To find $P$ we need to sort points in $S$ by $x$ in descending order, 
and if $x$′𝑠 the same by $y$ in descending order. This takes $\Theta(n\log n)$ time. 
Then, we do the following.

- Include first point in $P$ and remember this point as $𝑇$. 
- Iterates through the point (let $C$ current point):
* if $C$ is dominated by $T$, then skip $C$ and go to next point;
* Otherwise, include $C$ in $P$ and set $𝑇=𝐶$.

This step can be performed in linear time.

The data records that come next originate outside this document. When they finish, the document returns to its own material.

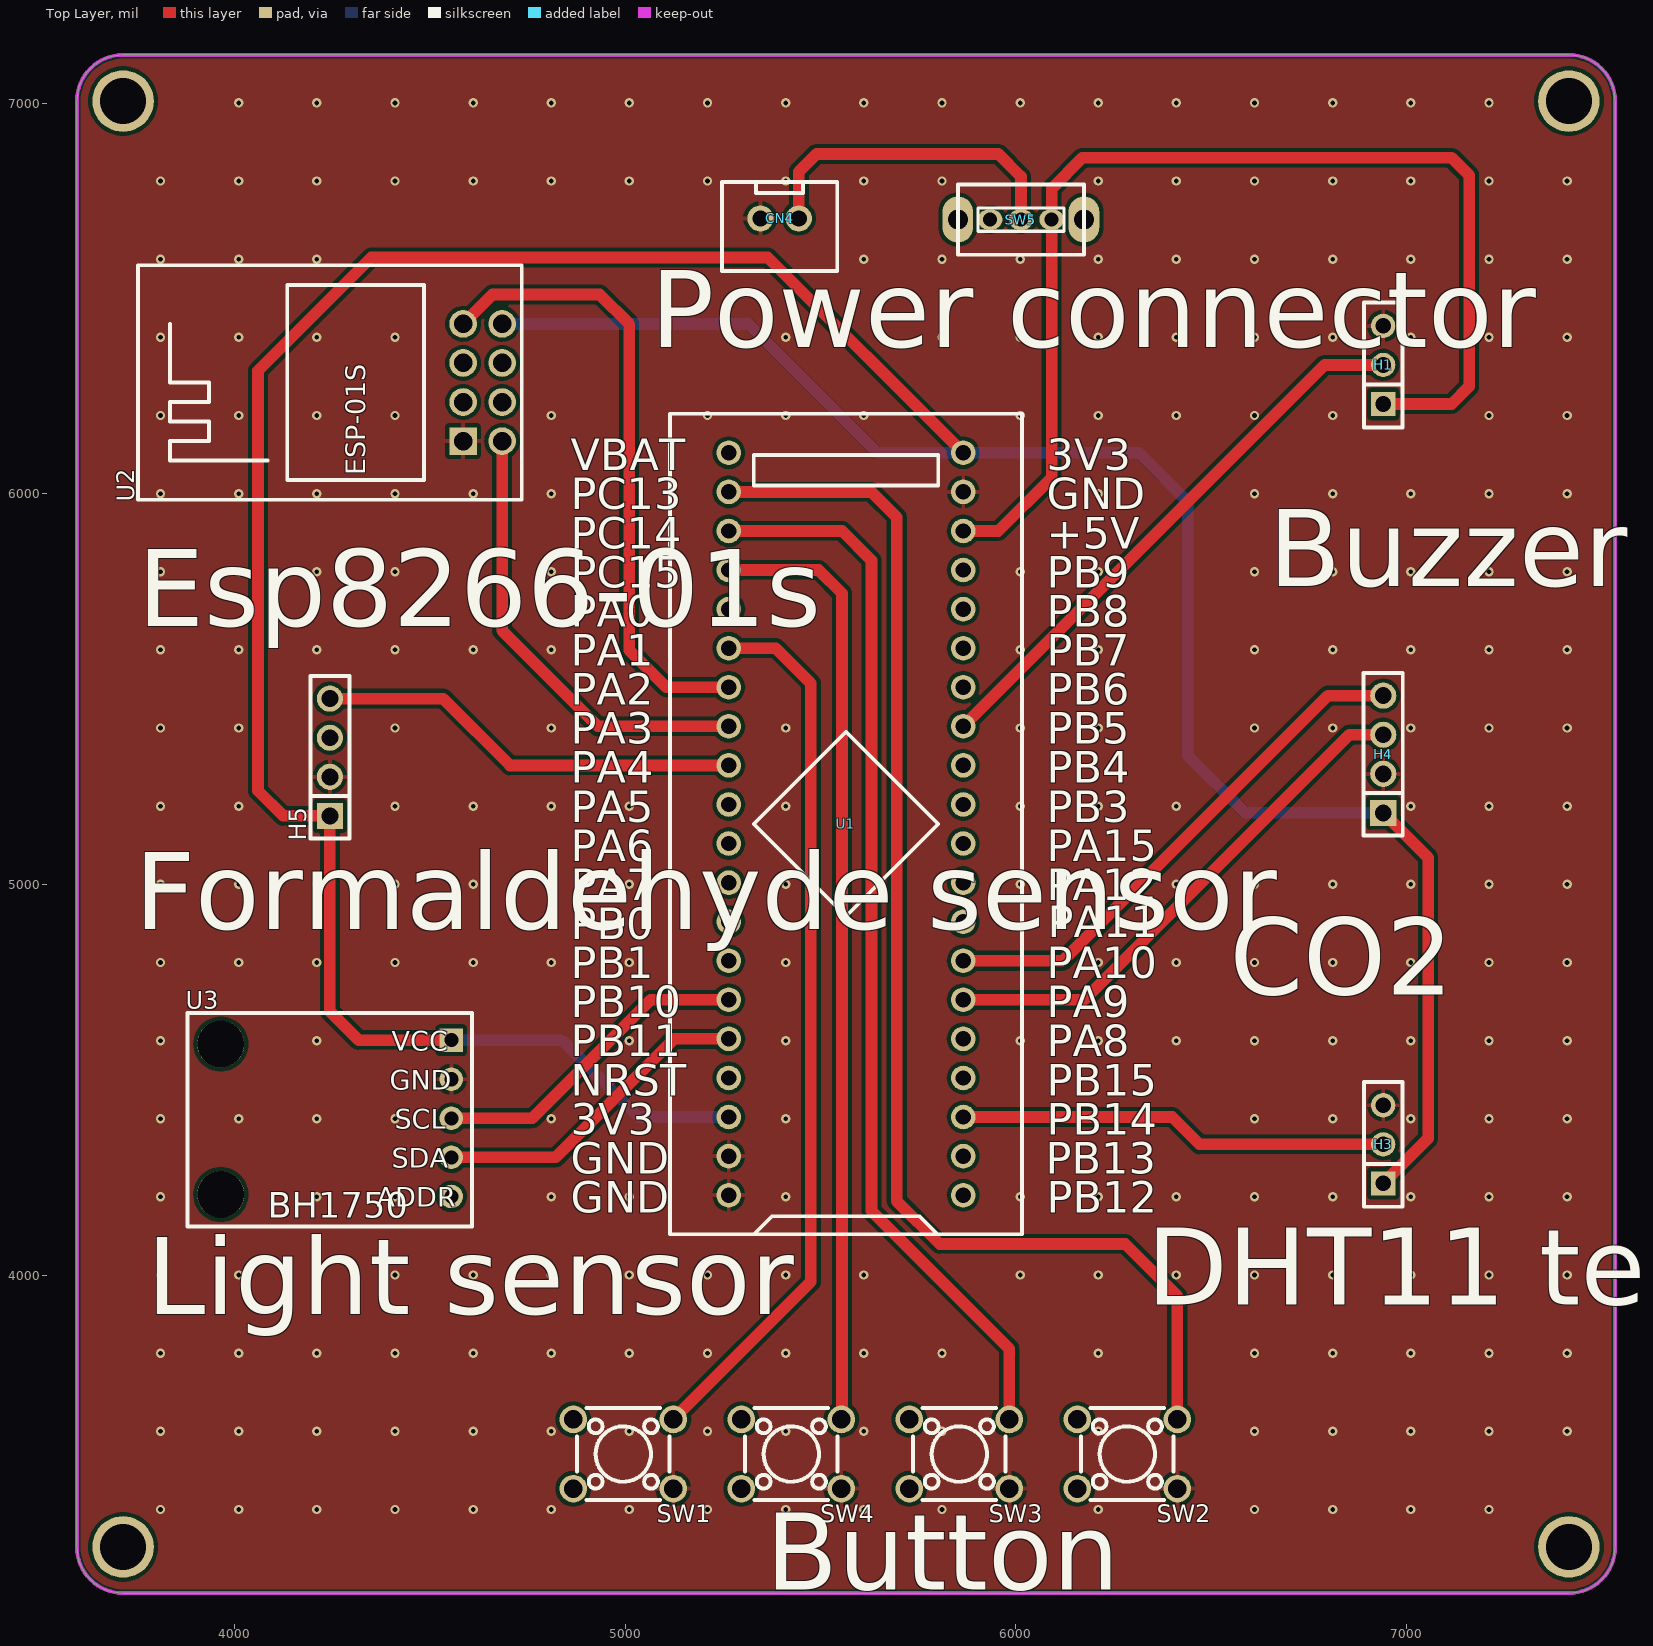
[diagram p0: Top Layer view]
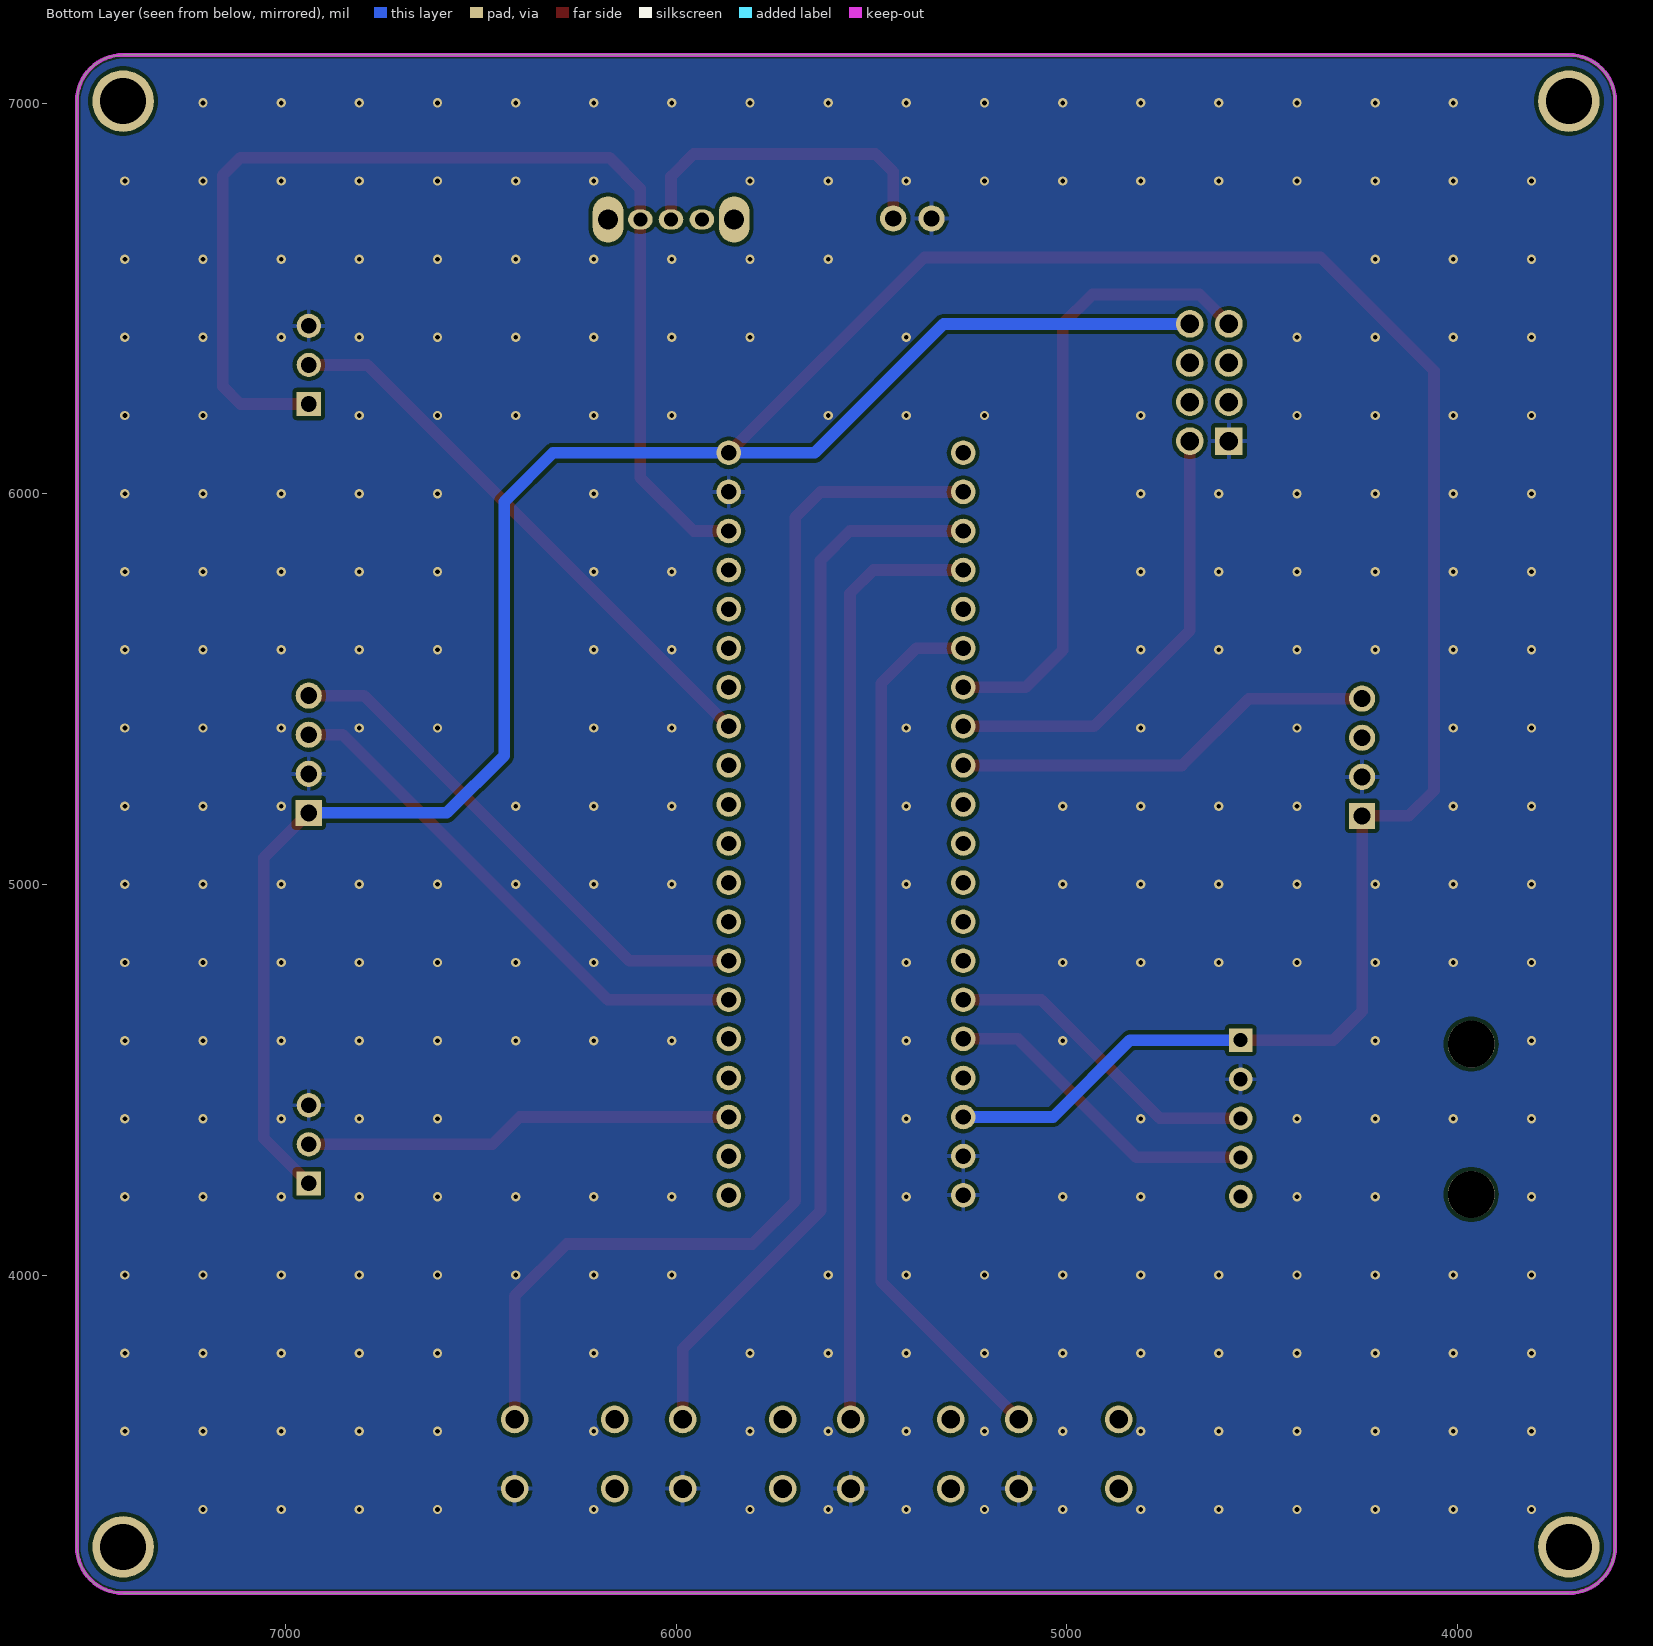
[diagram p1: Bottom Layer view, seen from below]
# Altium PCB MISC51847.pcbdoc
Units mil, origin at the board's own origin, x right, y up, seen from the top; angles counter-clockwise.
Board outline 3937.01 x 3937.01 mil, 2 copper layers (Top Layer, Bottom Layer), stack 62.206 mil thick; 13 components, 38 nets, 96 pads, 276 vias.

## Layer stack, top to bottom
Top Solder Mask Layer: solder mask 0.394, Dk 3.3
Top Layer: signal copper 1.379
Dielectric1: surface 59.449, FR4, Dk 4.5
Bottom Layer: signal copper 1.378
Bottom Solder Mask Layer: solder mask 0.394, Dk 3.3

## Board outline
3714.61,7123.5 ccw(c3714.61,7005.39) 3596.5,7005.39 3596.5,3304.61 ccw(c3714.61,3304.61) 3714.61,3186.5 7415.39,3186.5 ccw(c7415.39,3304.61) 7533.5,3304.61 7533.5,7005.39 ccw(c7415.39,7005.39) 7415.39,7123.5 3714.61,7123.5

## Design rules (kind name [scope] priority, off if disabled: settings)
BoardOutlineClearance copperThickness2oz_1 [All] p2 off: genericclearance=7.99 ignorepadtopadclearanceinfootprint=FALSE except(0: Arc-SplitContinuation Track-SplitContinuation SMDPad-SplitContinuation THPad-SplitContinuation Via-SplitContinuation Fill-SplitContinuation Region-SplitContinuation Poly-SplitContinuation Text-SplitContinuation Hole-SplitContinuation; 5.98: Arc-CutoutEdge Track-CutoutEdge SMDPad-CutoutEdge THPad-CutoutEdge Via-CutoutEdge Text-CutoutEdge; 6.9: Hole-OutlineEdge Hole-CutoutEdge; 10: Poly-OutlineEdge Poly-CutoutEdge; 11.81: Arc-OutlineEdge Track-OutlineEdge SMDPad-OutlineEdge THPad-OutlineEdge Via-OutlineEdge Fill-OutlineEdge Region-OutlineEdge Text-OutlineEdge Fill-CutoutEdge Region-CutoutEdge)
BoardOutlineClearance Plane_innerPlane_1 [All] p4 off: genericclearance=4.02 ignorepadtopadclearanceinfootprint=FALSE except(0: Arc-SplitContinuation Track-SplitContinuation SMDPad-SplitContinuation THPad-SplitContinuation Via-SplitContinuation Fill-SplitContinuation Region-SplitContinuation Poly-SplitContinuation Text-SplitContinuation Hole-SplitContinuation; 5.98: Arc-CutoutEdge Track-CutoutEdge SMDPad-CutoutEdge THPad-CutoutEdge Via-CutoutEdge Text-CutoutEdge; 6.9: Hole-OutlineEdge Hole-CutoutEdge; 10: Poly-OutlineEdge Poly-CutoutEdge; 11.81: Arc-OutlineEdge Track-OutlineEdge SMDPad-OutlineEdge THPad-OutlineEdge Via-OutlineEdge Fill-OutlineEdge Region-OutlineEdge Text-OutlineEdge Fill-CutoutEdge Region-CutoutEdge)
BoardOutlineClearance Copper_copperRegion_1 [All] p6 off: genericclearance=4.02 ignorepadtopadclearanceinfootprint=FALSE except(0: Arc-SplitContinuation Track-SplitContinuation SMDPad-SplitContinuation THPad-SplitContinuation Via-SplitContinuation Fill-SplitContinuation Region-SplitContinuation Poly-SplitContinuation Text-SplitContinuation Hole-SplitContinuation; 5.98: Arc-CutoutEdge Track-CutoutEdge SMDPad-CutoutEdge THPad-CutoutEdge Via-CutoutEdge Text-CutoutEdge; 6.9: Hole-OutlineEdge Hole-CutoutEdge; 10: Poly-OutlineEdge Poly-CutoutEdge; 11.81: Arc-OutlineEdge Track-OutlineEdge SMDPad-OutlineEdge THPad-OutlineEdge Via-OutlineEdge Fill-OutlineEdge Region-OutlineEdge Text-OutlineEdge Fill-CutoutEdge Region-CutoutEdge)
BoardOutlineClearance Copper_copperRegion_copperThickness1oz_1 [All] p8 off: genericclearance=4.02 ignorepadtopadclearanceinfootprint=FALSE except(0: Arc-SplitContinuation Track-SplitContinuation SMDPad-SplitContinuation THPad-SplitContinuation Via-SplitContinuation Fill-SplitContinuation Region-SplitContinuation Poly-SplitContinuation Text-SplitContinuation Hole-SplitContinuation; 5.98: Arc-CutoutEdge Track-CutoutEdge SMDPad-CutoutEdge THPad-CutoutEdge Via-CutoutEdge Text-CutoutEdge; 6.9: Hole-OutlineEdge Hole-CutoutEdge; 10: Poly-OutlineEdge Poly-CutoutEdge; 11.81: Arc-OutlineEdge Track-OutlineEdge SMDPad-OutlineEdge THPad-OutlineEdge Via-OutlineEdge Fill-OutlineEdge Region-OutlineEdge Text-OutlineEdge Fill-CutoutEdge Region-CutoutEdge)
BoardOutlineClearance Copper_copperRegion_Copper_copperRegion_1 [All] p10 off: genericclearance=4.02 ignorepadtopadclearanceinfootprint=FALSE except(0: Arc-SplitContinuation Track-SplitContinuation SMDPad-SplitContinuation THPad-SplitContinuation Via-SplitContinuation Fill-SplitContinuation Region-SplitContinuation Poly-SplitContinuation Text-SplitContinuation Hole-SplitContinuation; 5.98: Arc-CutoutEdge Track-CutoutEdge SMDPad-CutoutEdge THPad-CutoutEdge Via-CutoutEdge Text-CutoutEdge; 6.9: Hole-OutlineEdge Hole-CutoutEdge; 10: Poly-OutlineEdge Poly-CutoutEdge; 11.81: Arc-OutlineEdge Track-OutlineEdge SMDPad-OutlineEdge THPad-OutlineEdge Via-OutlineEdge Fill-OutlineEdge Region-OutlineEdge Text-OutlineEdge Fill-CutoutEdge Region-CutoutEdge)
BoardOutlineClearance copperThickness1oz_1 [All] p12: genericclearance=4.02 ignorepadtopadclearanceinfootprint=FALSE except(0: Arc-SplitContinuation Track-SplitContinuation SMDPad-SplitContinuation THPad-SplitContinuation Via-SplitContinuation Fill-SplitContinuation Region-SplitContinuation Poly-SplitContinuation Text-SplitContinuation Hole-SplitContinuation; 5.98: Arc-CutoutEdge Track-CutoutEdge SMDPad-CutoutEdge THPad-CutoutEdge Via-CutoutEdge Text-CutoutEdge; 6.9: Hole-OutlineEdge Hole-CutoutEdge; 10: Poly-OutlineEdge Poly-CutoutEdge; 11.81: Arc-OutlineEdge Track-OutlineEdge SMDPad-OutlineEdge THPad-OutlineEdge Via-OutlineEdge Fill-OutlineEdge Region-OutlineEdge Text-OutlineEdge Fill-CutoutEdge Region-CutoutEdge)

Implement the function ```pareto_frontier(S)```, which returns the pareto frontier $P$ of the points in $S$.


In [8]:
def pareto_frontier(S):
    S.sort(key=lambda point: (point[0], point[1]), reverse=True) # sort points in decreasing order
    P = [] # this will be the frontier (dominating points)
    T = S[0] 
    P.append(T)
    for C in S: # checks whether C dominates T, which means that C has a smaller or equal x-value and a smaller or equal y-value than T
        if (C[0] <= T[0]) and (C[1] <= T[1]):
            continue
        else: # if C dominates T, then T is updated to C and C is added to the Pareto frontier P
            P.append(C)
            T = C
    return list(reversed(P)) # the function returns the reversed list of P, because the points were added to P in reverse order

In [9]:
## Implementation test

S = [(6, 7.5), (7, 8), (8, 7), (2, 9), (3, 9.5), (1, 10), (4, 9), (5, 8)]

assert pareto_frontier(S) == [(1, 10), (3, 9.5), (4, 9), (7, 8), (8, 7)], "Fail!"